Но борьба русских инженеров продолжилась: согласно правительственному постановлению, автоматически вступившему в силу 15 марта 1925 г., все инженеры и архитекторы должны быть членами инженерной палаты (русские не имели своей инженерной палаты и не были членами югославских институций), иметь диплом технического факультета, являться подданными Королевства, иметь три года практики на государственной, общинной или на частной службе, сдать госэкзамен, быть «хорошего поведения», не судимыми,  владеть государственным языком. В случае последовательного применения этих постановлений, почти все русские инженеры не имели бы работы. После запроса Союза  правительство в очередной раз заверило, что русские инженеры будут иметь тот же статус, что  и граждане Королевства[26].

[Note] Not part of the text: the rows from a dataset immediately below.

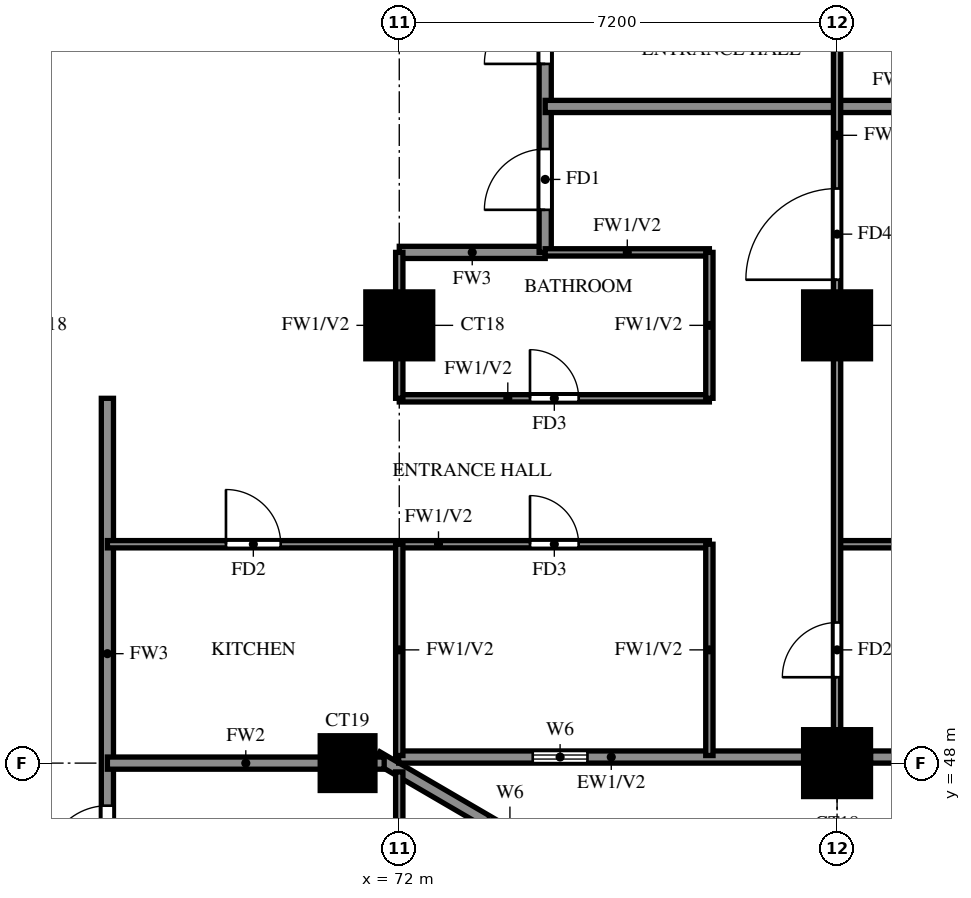
"""IFC4 building model, lengths in metres.
Left out: names, types, materials, properties, quantities, classifications, styles, units other than length and angle.
Written with IfcOpenShell. Run it as: python <this file> out.ifc"""

import sys

from ifc_helpers import new_model, si_unit, direction, frame, frame_2d, origin, origin_2d, place, context, subcontext, project, spatial, rectangle, extrude, source, transform, mapped, element, fill, save


model = new_model("IFC4")
c1 = context("Model", 3, precision=1e-05, world=origin(), true_north=direction((0.0, 1.0)))
c2 = subcontext(c1, "Body", "Model", "MODEL_VIEW")
j1 = project(units=[si_unit("LENGTHUNIT", "METRE"), si_unit("PLANEANGLEUNIT", "RADIAN")], contexts=[c1])
p1 = place(None, origin())
s1 = spatial("IfcSite", under=j1, at=p1, CompositionType="ELEMENT")
p2 = place(p1, origin())
s2 = spatial("IfcBuilding", under=s1, at=p2, CompositionType="ELEMENT")
p3 = place(p2, frame((0.0, 0.0, 116.5)))
s3 = spatial("IfcBuildingStorey", under=s2, at=p3, CompositionType="ELEMENT", Elevation=116.5)
m1 = source(origin(), c2, "Body", "SweptSolid", [
    extrude(rectangle(XDim=0.9, YDim=0.9, at=origin_2d()), origin(), (0.0, 0.0, 1.0), 3.2),
])
p4 = place(p3, frame((71.15, 48.0, 0.0), z_axis=(0.0, 0.0, 1.0), x_axis=(1.0, 0.0, 0.0)))
e1 = element("IfcColumn", 1, at=p4, inside=s3, PredefinedType="COLUMN", context=c2, shape_type="MappedRepresentation", body=[
    mapped(m1, transform((0.0, 0.0, 0.0))),
])
m2 = source(origin(), c2, "Body", "SweptSolid", [
    extrude(rectangle(XDim=1.1, YDim=1.1, at=origin_2d()), origin(), (0.0, 0.0, 1.0), 3.2),
])
for number, where, z_axis, x_axis in (
    (2, (79.2, 48.0, 0.0), (0.0, 0.0, 1.0), (1.0, 0.0, 0.0)),
    (3, (72.0, 55.2, 0.0), (0.0, 0.0, 1.0), (1.0, 0.0, 0.0)),
    (4, (79.2, 55.2, 0.0), (0.0, 0.0, 1.0), (1.0, 0.0, 0.0)),
):
    element("IfcColumn", number, at=place(p3, frame(where, z_axis=z_axis, x_axis=x_axis)), inside=s3, PredefinedType="COLUMN", context=c2, shape_type="MappedRepresentation", body=[
        mapped(m2, transform((0.0, 0.0, 0.0))),
    ])
p5 = place(p3, frame((85.719, 39.881, 0.0), z_axis=(0.0, 0.0, 1.0), x_axis=(-0.86377618652, 0.503875678716, 0.0)))
e5 = element("IfcWall", 5, at=p5, inside=s3, PredefinedType="SOLIDWALL", context=c2, shape_type="SweptSolid", body=[
    extrude(rectangle(XDim=16.311, YDim=0.2, at=frame_2d((8.156, 0.0))), origin(), (0.0, 0.0, 1.0), 3.2),
])
p6 = place(p5, frame((13.326, 0.0, 1.5)))
e6 = element("IfcOpeningElement", 6, at=p6, cuts=e5, PredefinedType="OPENING", context=c2, shape_type="SweptSolid", body=[
    extrude(rectangle(XDim=0.9, YDim=0.9, at=frame_2d((0.45, 0.45))), frame((0.0, 0.11, 0.0), z_axis=(0.0, -1.0, 0.0), x_axis=(1.0, 0.0, 0.0)), (0.0, 0.0, 1.0), 0.22),
])
p7 = place(p3, frame((71.99, 48.1, 0.0), z_axis=(0.0, 0.0, 1.0), x_axis=(1.0, 0.0, 0.0)))
e7 = element("IfcWall", 7, at=p7, inside=s3, PredefinedType="SOLIDWALL", context=c2, shape_type="SweptSolid", body=[
    extrude(rectangle(XDim=6.66, YDim=0.2, at=frame_2d((3.33, 0.0))), origin(), (0.0, 0.0, 1.0), 3.2),
])
p8 = place(p7, frame((2.205, 0.0, 1.5)))
e8 = element("IfcOpeningElement", 8, at=p8, cuts=e7, PredefinedType="OPENING", context=c2, shape_type="SweptSolid", body=[
    extrude(rectangle(XDim=0.9, YDim=0.9, at=frame_2d((0.45, 0.45))), frame((0.0, 0.11, 0.0), z_axis=(0.0, -1.0, 0.0), x_axis=(1.0, 0.0, 0.0)), (0.0, 0.0, 1.0), 0.22),
])
p9 = place(p3, frame((79.75, 48.1, 0.0), z_axis=(0.0, 0.0, 1.0), x_axis=(1.0, 0.0, 0.0)))
e9 = element("IfcWall", 9, at=p9, inside=s3, PredefinedType="SOLIDWALL", context=c2, shape_type="SweptSolid", body=[
    extrude(rectangle(XDim=5.6, YDim=0.2, at=frame_2d((2.8, 0.0))), origin(), (0.0, 0.0, 1.0), 3.2),
])
p10 = place(p9, frame((1.6, 0.0, 0.6)))
e10 = element("IfcOpeningElement", 10, at=p10, cuts=e9, PredefinedType="OPENING", context=c2, shape_type="SweptSolid", body=[
    extrude(rectangle(XDim=2.4, YDim=2.4, at=frame_2d((1.2, 1.2))), frame((0.0, 0.11, 0.0), z_axis=(0.0, -1.0, 0.0), x_axis=(1.0, 0.0, 0.0)), (0.0, 0.0, 1.0), 0.22),
])
p11 = place(p3, frame((72.0, 56.4, 0.0), z_axis=(0.0, 0.0, 1.0), x_axis=(1.0, 0.0, 0.0)))
e11 = element("IfcWall", 11, at=p11, inside=s3, PredefinedType="SOLIDWALL", context=c2, shape_type="SweptSolid", body=[
    extrude(rectangle(XDim=2.4, YDim=0.2, at=frame_2d((1.2, 0.0))), origin(), (0.0, 0.0, 1.0), 3.2),
])
p12 = place(p3, frame((67.2, 45.6, 0.0), z_axis=(0.0, 0.0, 1.0), x_axis=(0.0, 1.0, 0.0)))
e12 = element("IfcWall", 12, at=p12, inside=s3, PredefinedType="SOLIDWALL", context=c2, shape_type="SweptSolid", body=[
    extrude(rectangle(XDim=8.4, YDim=0.2, at=frame_2d((4.2, 0.0))), origin(), (0.0, 0.0, 1.0), 3.2),
])
p13 = place(p12, frame((0.7, 0.0, 0.0)))
e13 = element("IfcOpeningElement", 13, at=p13, cuts=e12, PredefinedType="OPENING", context=c2, shape_type="SweptSolid", body=[
    extrude(rectangle(XDim=1.0, YDim=2.1, at=frame_2d((0.5, 1.05))), frame((0.0, 0.11, 0.0), z_axis=(0.0, -1.0, 0.0), x_axis=(1.0, 0.0, 0.0)), (0.0, 0.0, 1.0), 0.22),
])
p14 = place(p3, frame((74.4, 56.4, 0.0), z_axis=(0.0, 0.0, 1.0), x_axis=(0.0, 1.0, 0.0)))
e14 = element("IfcWall", 14, at=p14, inside=s3, PredefinedType="SOLIDWALL", context=c2, shape_type="SweptSolid", body=[
    extrude(rectangle(XDim=9.6, YDim=0.2, at=frame_2d((4.8, 0.0))), origin(), (0.0, 0.0, 1.0), 3.2),
])
p15 = place(p14, frame((0.7, 0.0, 0.0)))
e15 = element("IfcOpeningElement", 15, at=p15, cuts=e14, PredefinedType="OPENING", context=c2, shape_type="SweptSolid", body=[
    extrude(rectangle(XDim=1.0, YDim=2.1, at=frame_2d((0.5, 1.05))), frame((0.0, 0.11, 0.0), z_axis=(0.0, -1.0, 0.0), x_axis=(1.0, 0.0, 0.0)), (0.0, 0.0, 1.0), 0.22),
])
p16 = place(p14, frame((3.1, 0.0, 0.0)))
e16 = element("IfcOpeningElement", 16, at=p16, cuts=e14, PredefinedType="OPENING", context=c2, shape_type="SweptSolid", body=[
    extrude(rectangle(XDim=1.0, YDim=2.1, at=frame_2d((0.5, 1.05))), frame((0.0, 0.11, 0.0), z_axis=(0.0, -1.0, 0.0), x_axis=(1.0, 0.0, 0.0)), (0.0, 0.0, 1.0), 0.22),
])
p17 = place(p3, frame((67.2, 48.0, 0.0), z_axis=(0.0, 0.0, 1.0), x_axis=(1.0, 0.0, 0.0)))
e17 = element("IfcWall", 17, at=p17, inside=s3, PredefinedType="SOLIDWALL", context=c2, shape_type="SweptSolid", body=[
    extrude(rectangle(XDim=4.552, YDim=0.2, at=frame_2d((2.276, 0.0))), origin(), (0.0, 0.0, 1.0), 3.2),
])
p18 = place(p3, frame((74.4, 58.8, 0.0), z_axis=(0.0, 0.0, 1.0), x_axis=(1.0, 0.0, 0.0)))
e18 = element("IfcWall", 18, at=p18, inside=s3, PredefinedType="SOLIDWALL", context=c2, shape_type="SweptSolid", body=[
    extrude(rectangle(XDim=11.875, YDim=0.2, at=frame_2d((5.938, 0.0))), origin(), (0.0, 0.0, 1.0), 2.3),
])
p19 = place(p3, frame((67.2, 51.6, 0.0), z_axis=(0.0, 0.0, 1.0), x_axis=(1.0, 0.0, 0.0)))
e19 = element("IfcWall", 19, at=p19, inside=s3, PredefinedType="PARTITIONING", context=c2, shape_type="SweptSolid", body=[
    extrude(rectangle(XDim=9.9, YDim=0.12, at=frame_2d((4.95, 0.0))), origin(), (0.0, 0.0, 1.0), 3.2),
])
p20 = place(p19, frame((6.95, 0.0, 0.0)))
e20 = element("IfcOpeningElement", 20, at=p20, cuts=e19, PredefinedType="OPENING", context=c2, shape_type="SweptSolid", body=[
    extrude(rectangle(XDim=0.8, YDim=2.1, at=frame_2d((0.4, 1.05))), frame((0.0, 0.07, 0.0), z_axis=(0.0, -1.0, 0.0), x_axis=(1.0, 0.0, 0.0)), (0.0, 0.0, 1.0), 0.14),
])
p21 = place(p19, frame((1.95, 0.0, 0.0)))
e21 = element("IfcOpeningElement", 21, at=p21, cuts=e19, PredefinedType="OPENING", context=c2, shape_type="SweptSolid", body=[
    extrude(rectangle(XDim=0.9, YDim=2.1, at=frame_2d((0.45, 1.05))), frame((0.0, 0.07, 0.0), z_axis=(0.0, -1.0, 0.0), x_axis=(1.0, 0.0, 0.0)), (0.0, 0.0, 1.0), 0.14),
])
p22 = place(p3, frame((79.2, 51.6, 0.0), z_axis=(0.0, 0.0, 1.0), x_axis=(1.0, 0.0, 0.0)))
e22 = element("IfcWall", 22, at=p22, inside=s3, PredefinedType="PARTITIONING", context=c2, shape_type="SweptSolid", body=[
    extrude(rectangle(XDim=7.075, YDim=0.12, at=frame_2d((3.538, 0.0))), origin(), (0.0, 0.0, 1.0), 2.3),
])
p23 = place(p3, frame((72.0, 54.0, 0.0), z_axis=(0.0, 0.0, 1.0), x_axis=(1.0, 0.0, 0.0)))
e23 = element("IfcWall", 23, at=p23, inside=s3, PredefinedType="PARTITIONING", context=c2, shape_type="SweptSolid", body=[
    extrude(rectangle(XDim=5.1, YDim=0.12, at=frame_2d((2.55, 0.0))), origin(), (0.0, 0.0, 1.0), 3.2),
])
p24 = place(p23, frame((2.15, 0.0, 0.0)))
e24 = element("IfcOpeningElement", 24, at=p24, cuts=e23, PredefinedType="OPENING", context=c2, shape_type="SweptSolid", body=[
    extrude(rectangle(XDim=0.8, YDim=2.1, at=frame_2d((0.4, 1.05))), frame((0.0, 0.07, 0.0), z_axis=(0.0, -1.0, 0.0), x_axis=(1.0, 0.0, 0.0)), (0.0, 0.0, 1.0), 0.14),
])
p25 = place(p3, frame((74.4, 56.4, 0.0), z_axis=(0.0, 0.0, 1.0), x_axis=(1.0, 0.0, 0.0)))
e25 = element("IfcWall", 25, at=p25, inside=s3, PredefinedType="PARTITIONING", context=c2, shape_type="SweptSolid", body=[
    extrude(rectangle(XDim=2.7, YDim=0.12, at=frame_2d((1.35, 0.0))), origin(), (0.0, 0.0, 1.0), 3.2),
])
p26 = place(p3, frame((72.0, 39.725, 0.0), z_axis=(0.0, 0.0, 1.0), x_axis=(0.0, 1.0, 0.0)))
e26 = element("IfcWall", 26, at=p26, inside=s3, PredefinedType="PARTITIONING", context=c2, shape_type="SweptSolid", body=[
    extrude(rectangle(XDim=8.13, YDim=0.12, at=frame_2d((4.065, 0.0))), origin(), (0.0, 0.0, 1.0), 2.3),
])
p27 = place(p26, frame((1.788, 0.0, 0.0)))
e27 = element("IfcOpeningElement", 27, at=p27, cuts=e26, PredefinedType="OPENING", context=c2, shape_type="SweptSolid", body=[
    extrude(rectangle(XDim=0.9, YDim=2.1, at=frame_2d((0.45, 1.05))), frame((0.0, 0.07, 0.0), z_axis=(0.0, -1.0, 0.0), x_axis=(1.0, 0.0, 0.0)), (0.0, 0.0, 1.0), 0.14),
])
p28 = place(p26, frame((4.575, 0.0, 0.0)))
e28 = element("IfcOpeningElement", 28, at=p28, cuts=e26, PredefinedType="OPENING", context=c2, shape_type="SweptSolid", body=[
    extrude(rectangle(XDim=0.8, YDim=2.1, at=frame_2d((0.4, 1.05))), frame((0.0, 0.07, 0.0), z_axis=(0.0, -1.0, 0.0), x_axis=(1.0, 0.0, 0.0)), (0.0, 0.0, 1.0), 0.14),
])
p29 = place(p3, frame((72.0, 48.125, 0.0), z_axis=(0.0, 0.0, 1.0), x_axis=(0.0, 1.0, 0.0)))
e29 = element("IfcWall", 29, at=p29, inside=s3, PredefinedType="PARTITIONING", context=c2, shape_type="SweptSolid", body=[
    extrude(rectangle(XDim=3.475, YDim=0.12, at=frame_2d((1.738, 0.0))), origin(), (0.0, 0.0, 1.0), 3.2),
])
p30 = place(p3, frame((72.0, 54.0, 0.0), z_axis=(0.0, 0.0, 1.0), x_axis=(0.0, 1.0, 0.0)))
e30 = element("IfcWall", 30, at=p30, inside=s3, PredefinedType="PARTITIONING", context=c2, shape_type="SweptSolid", body=[
    extrude(rectangle(XDim=2.4, YDim=0.12, at=frame_2d((1.2, 0.0))), origin(), (0.0, 0.0, 1.0), 3.2),
])
p31 = place(p3, frame((77.1, 48.125, 0.0), z_axis=(0.0, 0.0, 1.0), x_axis=(0.0, 1.0, 0.0)))
e31 = element("IfcWall", 31, at=p31, inside=s3, PredefinedType="PARTITIONING", context=c2, shape_type="SweptSolid", body=[
    extrude(rectangle(XDim=3.475, YDim=0.12, at=frame_2d((1.738, 0.0))), origin(), (0.0, 0.0, 1.0), 3.2),
])
p32 = place(p3, frame((77.1, 54.0, 0.0), z_axis=(0.0, 0.0, 1.0), x_axis=(0.0, 1.0, 0.0)))
e32 = element("IfcWall", 32, at=p32, inside=s3, PredefinedType="PARTITIONING", context=c2, shape_type="SweptSolid", body=[
    extrude(rectangle(XDim=2.4, YDim=0.12, at=frame_2d((1.2, 0.0))), origin(), (0.0, 0.0, 1.0), 3.2),
])
p33 = place(p3, frame((79.2, 48.125, 0.0), z_axis=(0.0, 0.0, 1.0), x_axis=(0.0, 1.0, 0.0)))
e33 = element("IfcWall", 33, at=p33, inside=s3, PredefinedType="PARTITIONING", context=c2, shape_type="SweptSolid", body=[
    extrude(rectangle(XDim=21.475, YDim=0.12, at=frame_2d((10.738, 0.0))), origin(), (0.0, 0.0, 1.0), 3.2),
])
p34 = place(p33, frame((1.288, 0.0, 0.0)))
e34 = element("IfcOpeningElement", 34, at=p34, cuts=e33, PredefinedType="OPENING", context=c2, shape_type="SweptSolid", body=[
    extrude(rectangle(XDim=0.9, YDim=2.1, at=frame_2d((0.45, 1.05))), frame((0.0, 0.07, 0.0), z_axis=(0.0, -1.0, 0.0), x_axis=(1.0, 0.0, 0.0)), (0.0, 0.0, 1.0), 0.14),
])
p35 = place(p33, frame((7.825, 0.0, 0.0)))
e35 = element("IfcOpeningElement", 35, at=p35, cuts=e33, PredefinedType="OPENING", context=c2, shape_type="SweptSolid", body=[
    extrude(rectangle(XDim=1.5, YDim=2.1, at=frame_2d((0.75, 1.05))), frame((0.0, 0.07, 0.0), z_axis=(0.0, -1.0, 0.0), x_axis=(1.0, 0.0, 0.0)), (0.0, 0.0, 1.0), 0.14),
])
p36 = place(p33, frame((12.025, 0.0, 0.0)))
e36 = element("IfcOpeningElement", 36, at=p36, cuts=e33, PredefinedType="OPENING", context=c2, shape_type="SweptSolid", body=[
    extrude(rectangle(XDim=0.9, YDim=2.1, at=frame_2d((0.45, 1.05))), frame((0.0, 0.07, 0.0), z_axis=(0.0, -1.0, 0.0), x_axis=(1.0, 0.0, 0.0)), (0.0, 0.0, 1.0), 0.14),
])
p37 = place(p33, frame((17.425, 0.0, 0.0)))
e37 = element("IfcOpeningElement", 37, at=p37, cuts=e33, PredefinedType="OPENING", context=c2, shape_type="SweptSolid", body=[
    extrude(rectangle(XDim=0.9, YDim=2.1, at=frame_2d((0.45, 1.05))), frame((0.0, 0.07, 0.0), z_axis=(0.0, -1.0, 0.0), x_axis=(1.0, 0.0, 0.0)), (0.0, 0.0, 1.0), 0.14),
])
p38 = place(p8, origin())
e38 = element("IfcWindow", 38, at=p38, inside=s3, PartitioningType="SINGLE_PANEL", PredefinedType="WINDOW", context=c2, shape_type="SweptSolid", body=[
    extrude(rectangle(XDim=0.9, YDim=0.9, at=frame_2d((0.45, 0.45))), frame((0.0, 0.03, 0.0), z_axis=(0.0, -1.0, 0.0), x_axis=(1.0, 0.0, 0.0)), (0.0, 0.0, 1.0), 0.06),
])
fill(e8, e38)
p39 = place(p15, origin())
e39 = element("IfcDoor", 39, at=p39, inside=s3, OperationType="SINGLE_SWING_RIGHT", PredefinedType="DOOR", context=c2, shape_type="SweptSolid", body=[
    extrude(rectangle(XDim=1.0, YDim=2.1, at=frame_2d((0.5, 1.05))), frame((0.0, 0.025, 0.0), z_axis=(0.0, -1.0, 0.0), x_axis=(1.0, 0.0, 0.0)), (0.0, 0.0, 1.0), 0.05),
])
fill(e15, e39)
p40 = place(p34, origin())
e40 = element("IfcDoor", 40, at=p40, inside=s3, OperationType="SINGLE_SWING_LEFT", PredefinedType="DOOR", context=c2, shape_type="SweptSolid", body=[
    extrude(rectangle(XDim=0.9, YDim=2.1, at=frame_2d((0.45, 1.05))), frame((0.0, 0.025, 0.0), z_axis=(0.0, -1.0, 0.0), x_axis=(1.0, 0.0, 0.0)), (0.0, 0.0, 1.0), 0.05),
])
fill(e34, e40)
p41 = place(p35, origin())
e41 = element("IfcDoor", 41, at=p41, inside=s3, OperationType="SINGLE_SWING_RIGHT", PredefinedType="DOOR", context=c2, shape_type="SweptSolid", body=[
    extrude(rectangle(XDim=1.5, YDim=2.1, at=frame_2d((0.75, 1.05))), frame((0.0, 0.025, 0.0), z_axis=(0.0, -1.0, 0.0), x_axis=(1.0, 0.0, 0.0)), (0.0, 0.0, 1.0), 0.05),
])
fill(e35, e41)
p42 = place(p20, origin())
e42 = element("IfcDoor", 42, at=p42, inside=s3, OperationType="SINGLE_SWING_RIGHT", PredefinedType="DOOR", context=c2, shape_type="SweptSolid", body=[
    extrude(rectangle(XDim=0.8, YDim=2.1, at=frame_2d((0.4, 1.05))), frame((0.0, 0.025, 0.0), z_axis=(0.0, -1.0, 0.0), x_axis=(1.0, 0.0, 0.0)), (0.0, 0.0, 1.0), 0.05),
])
fill(e20, e42)
p43 = place(p24, origin())
e43 = element("IfcDoor", 43, at=p43, inside=s3, OperationType="SINGLE_SWING_LEFT", PredefinedType="DOOR", context=c2, shape_type="SweptSolid", body=[
    extrude(rectangle(XDim=0.8, YDim=2.1, at=frame_2d((0.4, 1.05))), frame((0.0, 0.025, 0.0), z_axis=(0.0, -1.0, 0.0), x_axis=(1.0, 0.0, 0.0)), (0.0, 0.0, 1.0), 0.05),
])
fill(e24, e43)
p44 = place(p21, origin())
e44 = element("IfcDoor", 44, at=p44, inside=s3, OperationType="SINGLE_SWING_LEFT", PredefinedType="DOOR", context=c2, shape_type="SweptSolid", body=[
    extrude(rectangle(XDim=0.9, YDim=2.1, at=frame_2d((0.45, 1.05))), frame((0.0, 0.025, 0.0), z_axis=(0.0, -1.0, 0.0), x_axis=(1.0, 0.0, 0.0)), (0.0, 0.0, 1.0), 0.05),
])
fill(e21, e44)
p45 = place(p16, origin())
e45 = element("IfcDoor", 45, at=p45, inside=s3, OperationType="SINGLE_SWING_LEFT", PredefinedType="DOOR", context=c2, shape_type="SweptSolid", body=[
    extrude(rectangle(XDim=1.0, YDim=2.1, at=frame_2d((0.5, 1.05))), frame((0.0, 0.025, 0.0), z_axis=(0.0, -1.0, 0.0), x_axis=(1.0, 0.0, 0.0)), (0.0, 0.0, 1.0), 0.05),
])
fill(e16, e45)
p46 = place(p13, origin())
e46 = element("IfcDoor", 46, at=p46, inside=s3, OperationType="SINGLE_SWING_RIGHT", PredefinedType="DOOR", context=c2, shape_type="SweptSolid", body=[
    extrude(rectangle(XDim=1.0, YDim=2.1, at=frame_2d((0.5, 1.05))), frame((0.0, 0.025, 0.0), z_axis=(0.0, -1.0, 0.0), x_axis=(1.0, 0.0, 0.0)), (0.0, 0.0, 1.0), 0.05),
])
fill(e13, e46)
save(model, sys.argv[1])

И в дальнейшем власти придерживались подобной практики  защиты и покровительства. Лучше всего устраивались инженеры, имевшие частную инженерную практику. Достаточно было иметь соответствующий диплом и три года работы инженером, а также заплатить определенную таксу, чтобы министерство строительства давало ему без хлопот соответствующее разрешение. Вначале таких инженеров было не много, большинство предпочитало работать в государственных организациях или в частном секторе, нежели полагаться только на себя в новой стране. Но с ходом времени по мере адаптации таковых становилось больше. Если в  1929 г. было шесть подобных инженеров, то в 1935 г. их было уже 19[27]. Всего в середине 1920-х годов в Королевстве находилось 203 русских инженера[28].

Некоторые из них даже свое свободное время отдавали изобретательству, внедрению нового. Инженер Андрей Васильевич Модрах из Белграда изобрел «автомат для предотвращения столкновения поездов»[29]. Выпускник 1 Русского Великого Князя Константина Константиновича Кадетского корпуса Алексей Николаевич Жуков (13. 11. 1910, Рига—29. 10. 1973, Торонто), закончивший технический факультет   Белградского университета, изобрел оригинальный аппаратат для анестезии и получил правительственную награду. В 1950 г. , как и многие русские, покинул Югославию, уехав в Канаду[30].
 В сфере изобретательства случались и «курьезы», как об этом свидетельствует грустная история с «изобретениями» инженера Федора Федоровича Богатырева, одного из основателей Союза русских инженеров в Югославии. В апреле 1920 г. он прибыл в Королевство, когда ему было 49 лет он стал директором ремесленной школы в Земуне. Получил широкую известность в Югославии в марте 1921 г. как «эпохальный изобретатель»: семь типов печи для выпечки хлеба и различных хлебобулочных изделий при минимальных затратах твердого топлива: оригинальное устройство для дезинфекции, строительство из вторичного сырья домов, имеющих твердость стали и пр. 13 марта 1921 г. он показал широкой публике свои изобретения, а в конце месяца Александру, премьер-министру Николе Пашичу и министрам. При этом комиссия из югославских специалистов еще перед демонстрацией руководителям страны проверила изобретения и дала положительный ответ. Но русские инженеры, не веря коллегам, устроили свой экзамен, сформировав под руководством военного инженера Н.А. Житкевича собственную комиссию, которая оспорила представленные изобретения[31]. После этого имя Богатырева исчезло с газетных страниц.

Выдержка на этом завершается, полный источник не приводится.